Long-term management: Long-term management must always include input from a cardiologist. Most infants who present with SVT will have no recurrences after they are 1 year old and thus will require no ongoing therapy. Older children who present with SVT are more likely to have recurrences and thus require ongoing management. Long-term management depends on the severity and frequency of episodes. For those with infrequent, mild episodes that easily convert, with no ventricular preexcitation, no ongoing treatment is needed. Those with more frequent episodes, severe symptoms such as syncope, or ventricular preexcitation should probably be started on a ß-blocker, calcium channel blocker, or digoxin. Digoxin should be given only to children who do not have ventricular preexcitation. With preexcitation, digoxin can increase antegrade conduction down the accessory pathway. If these patients, who are already more prone to atrial flutter or fibrillation, develop them, there is a risk of 1:1 conduction from the atria through the accessory pathway to the ventricles. This will produce a very rapid ventricular response, possibly leading to ventricular tachycardia or fibrillation. Radiofrequency ablation is another treatment option: an interventional electrophysiologist (cardiologist) maps out the accessory conduction pathways that contribute to the SVT and then thermally ablates it with radiofrequency energy. The prognosis for patients with SVT is very good with a normal life expectancy and little to no morbidity.

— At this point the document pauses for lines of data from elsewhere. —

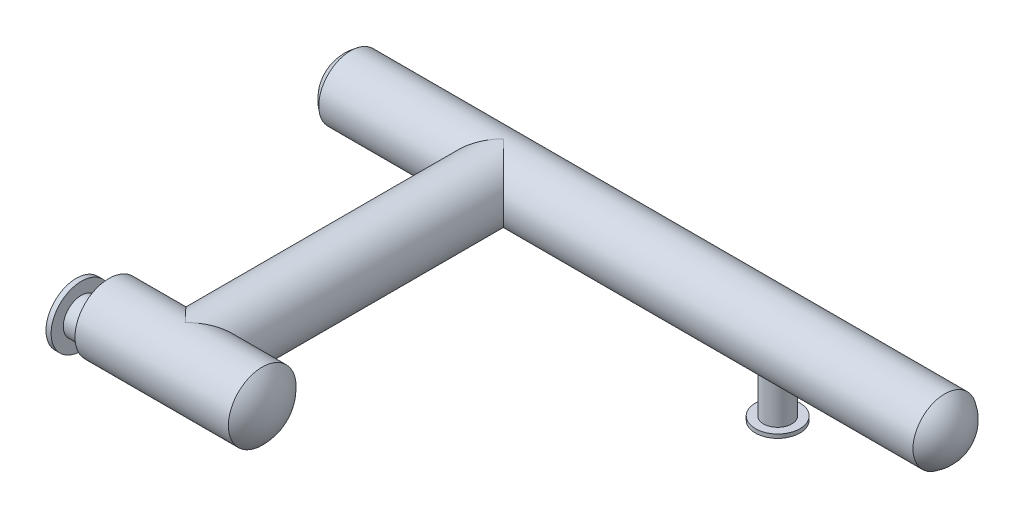
from build123d import *

# Parameters (mm, degrees)
SKETCH2_R           = 150
SKETCH2_R_2         = 140
BOSS_EXTRUDE1_DEPTH = 1500
SKETCH5_R           = 85
SKETCH5_R_2         = 79
BOSS_EXTRUDE2_DEPTH = 100
SKETCH6_R           = 142.5
SKETCH6_R_2         = 60.5
BOSS_EXTRUDE3_DEPTH = 24
SKETCH9_R           = 66.5
SKETCH9_R_2         = 60.5
BOSS_EXTRUDE4_DEPTH = 334
SKETCH10_R          = 105
SKETCH10_R_2        = 60.5
BOSS_EXTRUDE5_DEPTH = 18


with BuildPart() as part:
    # Sketch1 → Revolve1 (revolve)
    with BuildSketch(Plane.XY):
        with BuildLine():
            Line((159.844496112, 150), (2962.0029442, 150))
            ThreePointArc((2962.0029442, 150), (3024.61513919, 86.324033595), (3047.486013309, 0))
            Line((3047.486013309, 0), (3037.486013309, 0))
            ThreePointArc((3037.486013309, 0), (3016.591126725, 80.196062571), (2959.219584954, 140))
            Line((2959.219584954, 140), (162.906732213, 140))
            ThreePointArc((162.906732213, 140), (108.853694848, 79.07526069), (89.343239823, 0))
            Line((89.343239823, 0), (79.343239823, 0))
            ThreePointArc((79.343239823, 0), (100.740317612, 85.118229928), (159.844496112, 150))
        make_face()
    revolve(axis=Axis((0, 0, 0), (1, 0, 0)))

    # Sketch2 → Boss-Extrude1 (add)
    with BuildSketch(Plane.XY):
        with Locations((880, 0)):
            Circle(SKETCH2_R)
        with Locations((880, 0)):
            Circle(SKETCH2_R_2, mode=Mode.SUBTRACT)
    extrude(amount=BOSS_EXTRUDE1_DEPTH)

    # Sketch4 → Revolve2 (revolve)
    with BuildSketch(Plane.XY.offset(1500), mode=Mode.PRIVATE) as revolve2_sk:
        with BuildLine():
            Line((1243.197122588, 150), (519.922248056, 150))
            ThreePointArc((519.922248056, 150), (502.892003661, 70.895140734), (496.404784819, -9.761687714))
            Line((496.404784819, -9.761687714), (506.405833086, -9.761687714))
            ThreePointArc((506.405833086, -9.761687714), (512.258520744, 65.782083773), (527.516838947, 140))
            Line((527.516838947, 140), (1239.100117121, 140))
            ThreePointArc((1239.100117121, 140), (1284.368347054, 71.23548166), (1299.107077562, -9.761687714))
            Line((1299.107077562, -9.761687714), (1309.109201329, -9.761687714))
            ThreePointArc((1309.109201329, -9.761687714), (1292.821072695, 76.995752533), (1243.197122588, 150))
        make_face()
    revolve(revolve2_sk.sketch.rotate(Axis((496.404784819, -9.761687714, 1500), (1, 0, 0)), 180), axis=Axis((496.404784819, -9.761687714, 1500), (1, 0, 0)))



with BuildPart() as body_2:
    # Sketch5 → Boss-Extrude2 (new body)
    with BuildSketch(Plane(origin=(550, 0, 0), x_dir=(0, 0, -1), z_dir=(1, 0, 0))):
        with Locations((-1559.992129451, -8.789883245)):
            Circle(SKETCH5_R)
        with Locations((-1559.992129451, -8.789883245)):
            Circle(SKETCH5_R_2, mode=Mode.SUBTRACT)
    extrude(amount=-BOSS_EXTRUDE2_DEPTH)


with BuildPart() as part_1:
    add(part.part)

    add(body_2.part)  # Boss-Extrude3 merges body 2
    # Sketch6 → Boss-Extrude3 (add)
    with BuildSketch(Plane.ZY.offset(-450)):
        with Locations((1559.992129451, -8.789883245)):
            Circle(SKETCH6_R)
        with Locations((1559.992129451, -8.789883245)):
            Circle(SKETCH6_R_2, mode=Mode.SUBTRACT)
    extrude(amount=BOSS_EXTRUDE3_DEPTH)

    # Sketch9 → Boss-Extrude4 (add)
    with BuildSketch(Plane(origin=(0, 0, 0), x_dir=(1, 0, 0), z_dir=(0, 1, 0))):
        with Locations(Location((2174.0029442, 0, 0), (0, 0, 270))):
            Circle(SKETCH9_R)
        with Locations(Location((2174.0029442, 0, 0), (0, 0, 270))):
            Circle(SKETCH9_R_2, mode=Mode.SUBTRACT)
    extrude(amount=-BOSS_EXTRUDE4_DEPTH)

    # Sketch10 → Boss-Extrude5 (add)
    with BuildSketch(Plane(origin=(0, -334, 0), x_dir=(-1, 0, 0), z_dir=(0, -1, 0))):
        with Locations(Location((-2174.0029442, 0, 0), (0, 0, 90))):
            Circle(SKETCH10_R)
        with Locations(Location((-2174.0029442, 0, 0), (0, 0, 270))):
            Circle(SKETCH10_R_2, mode=Mode.SUBTRACT)
    extrude(amount=BOSS_EXTRUDE5_DEPTH)


solid = part_1.part

Atrial Fibrillation and Atrial Flutter
Atrial flutter and fibrillation are rare in children. When present, they are usually associated with an underlying organic heart disease, postoperative cardiac surgery, or digoxin toxicity.
In atrial flutter, the atria beat at a rate greater than 240 bpm and often actually greater than 300 bpm. The ventricular rate depends on the rate of AV nodal conduction. In other words, the AV node is the gatekeeper that controls at what interval the atrial impulses will reach the ventricle — 1:1, 1:2, 1:3, or 1:4. Atrial flutter can mimic SVT, and the diagnosis is often made only when adenosine is given and the underlying P waves seen on the ECG have the classic sawtooth appearance (flutter waves).
Atrial fibrillation can be differentiated from SVT by its irregularity. This irregular rhythm is never seen in SVT.
Management – Atrial Fibrillation and Atrial Flutter
In the unstable patient with atrial fibrillation or flutter with rapid ventricular response (as for any tachydysrhythmia that is unstable), cardioversion is the treatment of choice. If this is ineffective, then overdrive pacing is usually the answer. For those with stable atrial flutter or fibrillation, medications such as ß-blockers, calcium channel blockers (avoid in infants), or digoxin are going to be the agents of choice. Before converting either of these two rhythms in the stable patient, consultation with cardiology and consideration for anticoagulation are needed.
The child’s heart rate decreased to 90 bpm. She continued to be in no apparent distress. She was discharged home from the emergency department with cardiology follow up and had no recurrence.